Thoughts on Kanban, Scrum, etc - Jonathan Blow

https://www.youtube.com/watch?v=0Uh94VzNirs

Here are detailed notes from the transcript:

Main Topics Discussed:

  • Work Process Philosophy: The intentional design of a "non-optimal" work process.
  • Balancing Art vs. Business/Process: The concern that rigid processes can stifle creativity ("kill the art").
  • Team Growth and Its Impact: Challenges and changes in work processes as a team expands.
  • Value of Unstructured Time and Ruminating: The necessity of allowing time for deep thought and exploration in creative work.
  • Current Work Model: Description of the speaker's team's loose, trust-based, remote work structure.
  • Critique of Formal Methodologies (e.g., Agile, Scrum): Analysis of their utility and their detrimental effects on certain types of work and talent.

Key Points and Arguments:

  1. Intentional Non-Optimal Process: The speaker's team's work process is not optimally efficient by design.
  2. Preserving Art: The primary concern, especially as the team grew during "The Witness" development, was that making the process too much like a "business" or a rigid "product-output" system would "kill the art."
  3. Need for Creative Incubation:
    • Creative work requires time to "figure things out" and make them "the best version."
    • This can lead to periods where team members might not appear to be actively "doing much work" because the leader/developer is figuring out direction or people are ruminating.
  4. Challenges of Scale: This loose approach becomes more expensive and problematic as the team gets bigger.
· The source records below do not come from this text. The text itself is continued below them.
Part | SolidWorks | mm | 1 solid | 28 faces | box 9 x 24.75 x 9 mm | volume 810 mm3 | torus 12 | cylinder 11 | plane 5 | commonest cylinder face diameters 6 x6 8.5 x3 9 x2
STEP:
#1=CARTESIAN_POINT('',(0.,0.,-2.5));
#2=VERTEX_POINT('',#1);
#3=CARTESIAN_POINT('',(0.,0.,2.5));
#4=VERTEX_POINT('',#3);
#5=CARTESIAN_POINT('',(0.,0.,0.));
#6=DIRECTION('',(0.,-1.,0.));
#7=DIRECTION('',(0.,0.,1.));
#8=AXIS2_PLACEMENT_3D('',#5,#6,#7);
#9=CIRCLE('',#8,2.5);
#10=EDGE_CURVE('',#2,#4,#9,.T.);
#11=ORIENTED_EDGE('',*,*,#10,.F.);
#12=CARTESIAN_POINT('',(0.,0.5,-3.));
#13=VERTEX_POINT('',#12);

While still practiced, it is done less today.
  5. Current Loose Model:
    • Characterized by a "very loose" structure.
    • Occasional meetings, not many.
    • Remote work (due to COVID, but also some remote staff existed before).
    • High trust in hired individuals to execute ideas from start to finish with minimal feedback, primarily from a "couple teammates," not the speaker or the whole company.
  6. Critique of Agile/Scrum and Similar Methodologies:
    • The team does not use programming methodologies like Agile or Scrum.
    • These methodologies are categorized as useful for specific types of people:
      • Individuals who would otherwise be "totally unproductive" (e.g., new to programming, struggle to focus).
      • Those for whom work is "just a job" (working for money, not deeply passionate).
    • They provide "regularity and discipline and expected results" to improve output for these groups.
  7. "Band Pass Filter" Effect: For highly capable or creative individuals ("people who know some math"), these rigid processes act like a "band pass filter." They filter out poor results but also filter out "amazing outlier results."
  8. Value of Diverse Talent and Non-Linear Progress:
    • Rigid processes prevent the inclusion of individuals who might be "bad at certain things" but "amazing at certain other things."
    • They prevent the necessary time for "ruminating" which can lead to innovative breakthroughs that don't show "results on something for a long time."

Important Facts or Data Mentioned:

  • The Witness: A specific game project where the team started to become large, prompting concerns about process rigidity.
  • COVID: The pandemic is cited as a reason for current remote work, though some remote employees existed prior.
  • Agile and Scrum: Specific programming methodologies mentioned as examples of rigid processes the team avoids.

Conclusions or Recommendations:

  • The speaker's team intentionally avoids highly structured, "optimal" work processes (like Agile/Scrum) to foster creativity and artistic output.
  • They prioritize an environment that allows for individual rumination, diverse talent (even with eccentricities), and the emergence of "amazing outlier results," rather than standardizing performance for average productivity.
  • While recognizing the utility of formal methodologies for certain contexts (e.g., less experienced or less passionate workers), they reject them for their own creative endeavors because they believe such processes ultimately "forbid" and "select away" the unique contributions essential to their work.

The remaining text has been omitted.